You are given the two integers, n and m and two integer arrays, hBars and vBars. The grid has n + 2 horizontal and m + 2 vertical bars, creating 1 x 1 unit cells. The bars are indexed starting from 1.

You can remove some of the bars in hBars from horizontal bars and some of the bars in vBars from vertical bars. Note that other bars are fixed and cannot be removed.

Return an integer denoting the maximum area of a square-shaped hole in the grid, after removing some bars (possibly none).

 

Example 1:

Input: n = 2, m = 1, hBars = [2,3], vBars = [2]

Output: 4

Explanation:

The left image shows the initial grid formed by the bars. The horizontal bars are [1,2,3,4], and the vertical bars are [1,2,3].

One way to get the maximum square-shaped hole is by removing horizontal bar 2 and vertical bar 2.

Example 2:

Input: n = 1, m = 1, hBars = [2], vBars = [2]

Output: 4

Explanation:

To get the maximum square-shaped hole, we remove horizontal bar 2 and vertical bar 2.

Example 3:

Input: n = 2, m = 3, hBars = [2,3], vBars = [2,4]

Output: 4

Explanation:

One way to get the maximum square-shaped hole is by removing horizontal bar 3, and vertical bar 4.

 

Constraints:

  • 1 <= n <= 109
  • 1 <= m <= 109
  • 1 <= hBars.length <= 100
  • 2 <= hBars[i] <= n + 1
  • 1 <= vBars.length <= 100
  • 2 <= vBars[i] <= m + 1
  • All values in hBars are distinct.
  • All values in vBars are distinct.

Solutions

Solution 1: Sorting

The problem essentially asks us to find the length of the longest consecutive increasing subsequence in the array, and then add 1 to it.

We define a function $f(nums)$, which represents the length of the longest consecutive increasing subsequence in the array $nums$.

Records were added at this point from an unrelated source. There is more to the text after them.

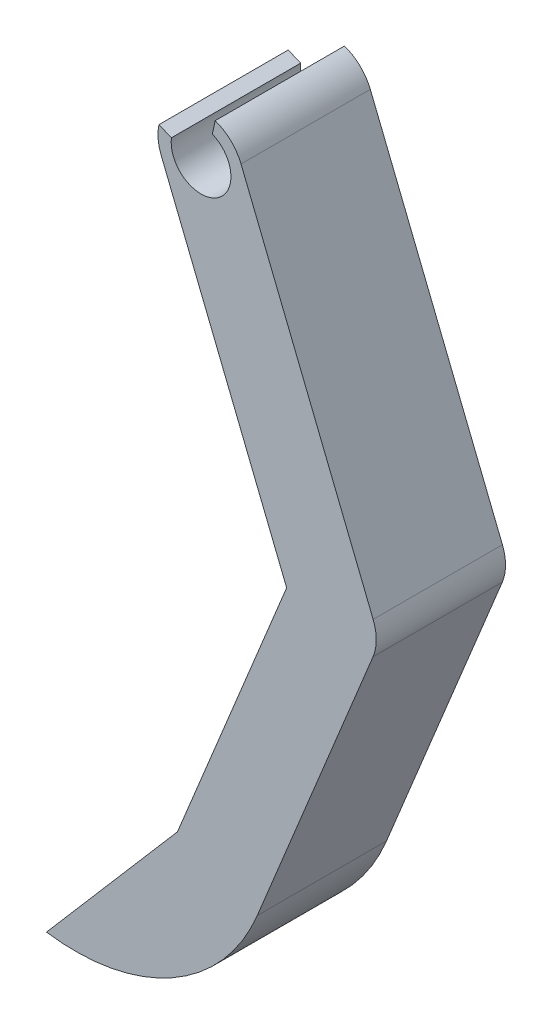
SolidWorks part; units mm, degrees
material "45"
ref_plane "Front Plane" through (0, 0, 0) normal (0, 0, 1) x (1, 0, 0)
ref_plane "Top Plane" through (0, 0, 0) normal (0, 1, 0) x (1, 0, 0)
ref_plane "Right Plane" through (0, 0, 0) normal (1, 0, 0) x (0, 0, -1)
sketch "Sketch1" plane through (0, 0, 0) normal (0, 0, 1) x (1, 0, 0)
  line L0 (15.4382, -15.8455) -> (21.5693, -31.0807) construction
  line L1 (17.2935, -15.0988) -> (23.4247, -30.3341)
  line L2 (13.5828, -16.5922) -> (19.714, -31.8274)
  line L3 (21.5693, -31.0807) -> (16.1951, -44.1701) construction
  line L4 (23.4195, -31.8404) -> (18.0453, -44.9297)
  line L5 (19.7192, -30.3211) -> (14.345, -43.4104)
  line L7 (14.0641, -15.6588) -> (13.4836, -15.4214)
  line L8 (15.963, -14.562) -> (16.0944, -13.9562)
  line L9 (14.345, -43.4104) -> (8.2662, -50.4817)
  arc A1 (14.0641, -15.6588) -> (15.963, -14.562) centre (15.4382, -15.8455) ccw
  arc A2 (17.2935, -15.0988) -> (16.0944, -13.9562) centre (15.4382, -15.8455) ccw
  arc A3 (19.714, -31.8274) -> (23.4247, -30.3341) centre (21.5693, -31.0807) ccw
  arc A4 (23.4195, -31.8404) -> (19.7192, -30.3211) centre (21.5693, -31.0807) ccw
  arc A6 (13.4836, -15.4214) -> (13.5828, -16.5922) centre (15.4382, -15.8455) ccw
  arc A7 (8.2662, -50.4817) -> (18.0453, -44.9297) centre (9.6144, -41.4681) ccw
  point P3 (18.5037, -23.4631)
  point P9 (18.8822, -37.6254)
  dimension "D1" = 2
  dimension "D3" = 80
  dimension "D4" = 2
  dimension "D5" = 2
extrude "Boss-Extrude1" add sketch "Sketch1" along normal blind 6 contours L7 A6 L2 L5 A4 L1 A2 L8 A1 | A3 A4 L5 L2 | L9 A7 L4 A3 L2 L5

For the array $nums$, we first sort it, then traverse the array. If the current element $nums[i]$ equals the previous element $nums[i - 1]$ plus 1, it means that the current element can be added to the consecutive increasing subsequence. Otherwise, it means that the current element cannot be added to the consecutive increasing subsequence, and we need to start calculating the length of the consecutive increasing subsequence again. Finally, we return the length of the consecutive increasing subsequence plus 1.

After finding the length of the longest consecutive increasing subsequence in $hBars$ and $vBars$, we take the minimum of the two as the side length of the square, and then calculate the area of the square.

The time complexity is $O(n \times \log n)$, and the space complexity is $O(n)$. Here, $n$ is the length of the array $hBars$ or $vBars$.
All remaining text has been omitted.